A minimal APIPod project needs three files: the service entrypoint, a requirements file, and the model weights (or a download step that runs at startup).

terminal
my-model/
├── main.py             # APIPod service (entrypoint)
├── requirements.txt    # Python dependencies
├── my_model.pt         # model weights (or download at startup)
└── apipod-deploy/
    └── apipod.json     # generated by socaity scan

apipod.json - What Scan Writes

socaity scan writes the file below to apipod-deploy/apipod.json.
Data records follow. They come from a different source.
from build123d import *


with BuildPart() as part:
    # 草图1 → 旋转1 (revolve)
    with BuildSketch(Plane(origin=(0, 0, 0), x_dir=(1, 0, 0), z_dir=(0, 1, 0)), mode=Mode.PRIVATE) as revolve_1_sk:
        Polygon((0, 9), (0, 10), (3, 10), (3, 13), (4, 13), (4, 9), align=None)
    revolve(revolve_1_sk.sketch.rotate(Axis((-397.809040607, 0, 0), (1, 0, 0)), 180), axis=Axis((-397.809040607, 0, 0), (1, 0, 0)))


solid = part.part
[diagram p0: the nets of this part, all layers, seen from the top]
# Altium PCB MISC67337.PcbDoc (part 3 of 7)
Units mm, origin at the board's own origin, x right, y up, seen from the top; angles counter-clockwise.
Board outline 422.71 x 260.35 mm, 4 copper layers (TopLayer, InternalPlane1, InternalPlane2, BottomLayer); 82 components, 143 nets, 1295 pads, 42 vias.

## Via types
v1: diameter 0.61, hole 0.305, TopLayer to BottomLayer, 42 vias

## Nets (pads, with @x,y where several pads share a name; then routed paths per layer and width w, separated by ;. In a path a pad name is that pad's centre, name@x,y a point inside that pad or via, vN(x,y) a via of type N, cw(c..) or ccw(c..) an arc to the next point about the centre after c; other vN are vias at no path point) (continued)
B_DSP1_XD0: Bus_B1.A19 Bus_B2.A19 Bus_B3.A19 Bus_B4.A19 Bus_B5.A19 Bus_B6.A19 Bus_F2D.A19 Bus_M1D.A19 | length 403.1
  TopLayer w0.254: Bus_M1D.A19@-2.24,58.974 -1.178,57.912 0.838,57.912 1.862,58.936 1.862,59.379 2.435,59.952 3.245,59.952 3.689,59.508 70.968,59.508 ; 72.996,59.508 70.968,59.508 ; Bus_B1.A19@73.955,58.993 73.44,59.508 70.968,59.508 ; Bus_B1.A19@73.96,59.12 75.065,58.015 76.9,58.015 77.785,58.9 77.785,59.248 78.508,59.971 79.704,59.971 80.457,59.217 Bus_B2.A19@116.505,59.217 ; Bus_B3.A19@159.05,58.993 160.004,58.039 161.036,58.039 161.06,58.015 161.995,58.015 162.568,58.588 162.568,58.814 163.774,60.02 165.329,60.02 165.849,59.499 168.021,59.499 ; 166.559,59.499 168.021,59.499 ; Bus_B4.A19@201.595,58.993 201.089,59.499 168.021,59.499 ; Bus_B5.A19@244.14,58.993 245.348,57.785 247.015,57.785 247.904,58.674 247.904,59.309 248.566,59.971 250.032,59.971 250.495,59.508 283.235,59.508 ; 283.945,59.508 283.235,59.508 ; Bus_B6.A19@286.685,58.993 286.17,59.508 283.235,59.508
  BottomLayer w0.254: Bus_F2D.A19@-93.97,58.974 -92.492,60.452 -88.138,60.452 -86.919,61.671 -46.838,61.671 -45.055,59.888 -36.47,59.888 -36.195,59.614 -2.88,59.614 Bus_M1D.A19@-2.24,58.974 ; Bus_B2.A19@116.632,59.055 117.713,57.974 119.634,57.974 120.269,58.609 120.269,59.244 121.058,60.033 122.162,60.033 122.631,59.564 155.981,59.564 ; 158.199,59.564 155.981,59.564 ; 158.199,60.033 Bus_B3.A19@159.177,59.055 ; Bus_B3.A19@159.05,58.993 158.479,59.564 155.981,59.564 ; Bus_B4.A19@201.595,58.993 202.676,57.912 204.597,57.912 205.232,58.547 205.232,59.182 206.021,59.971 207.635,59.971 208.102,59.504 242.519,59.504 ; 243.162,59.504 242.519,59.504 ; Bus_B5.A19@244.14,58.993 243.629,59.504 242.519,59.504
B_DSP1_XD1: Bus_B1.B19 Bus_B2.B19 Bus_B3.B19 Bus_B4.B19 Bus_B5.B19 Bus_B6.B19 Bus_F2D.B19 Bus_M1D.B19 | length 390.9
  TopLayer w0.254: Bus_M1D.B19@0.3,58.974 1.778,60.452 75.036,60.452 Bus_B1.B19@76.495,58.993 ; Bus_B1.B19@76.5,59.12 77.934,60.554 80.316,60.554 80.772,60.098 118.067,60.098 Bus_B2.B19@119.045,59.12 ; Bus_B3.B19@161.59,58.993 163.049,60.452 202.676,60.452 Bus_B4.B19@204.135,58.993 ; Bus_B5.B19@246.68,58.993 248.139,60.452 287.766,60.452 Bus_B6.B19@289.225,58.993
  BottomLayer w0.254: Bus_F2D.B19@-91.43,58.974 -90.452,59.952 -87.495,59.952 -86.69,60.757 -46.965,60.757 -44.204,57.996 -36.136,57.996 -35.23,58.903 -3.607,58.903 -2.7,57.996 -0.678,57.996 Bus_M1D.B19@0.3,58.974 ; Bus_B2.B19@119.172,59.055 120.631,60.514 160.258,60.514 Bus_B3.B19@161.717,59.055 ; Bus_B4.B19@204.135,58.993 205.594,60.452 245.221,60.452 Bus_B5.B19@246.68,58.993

Edit it before --build to override the entrypoint, Python version, system packages, or recommended base image.

json
{
  "title": "my-model",
  "entrypoint": "main.py",
  "python_version": "3.10",
  "cuda": true,
  "pytorch": true,
  "tensorflow": false,
  "onnx": false,
  "transformers": false,
  "diffusers": false,
  "system_packages": [],
  "model_files": ["my_model.pt"],
  "has_env_file": false,
  "recommended_image": "runpod/pytorch:2.4.0-py3.11-cuda12.4.1-devel-ubuntu22.04"
}

What You Built

  • An @app.endpoint service that loads the model once and exposes one HTTP route.
  • A local server on 0.0.0.0:8000 with a /health endpoint, started via socaity start.
  • An apipod-deploy/apipod.json manifest produced by socaity scan.
  • A container image generated by socaity build, ready to push to any Docker registry.
  • A Python client that calls the running service via requests.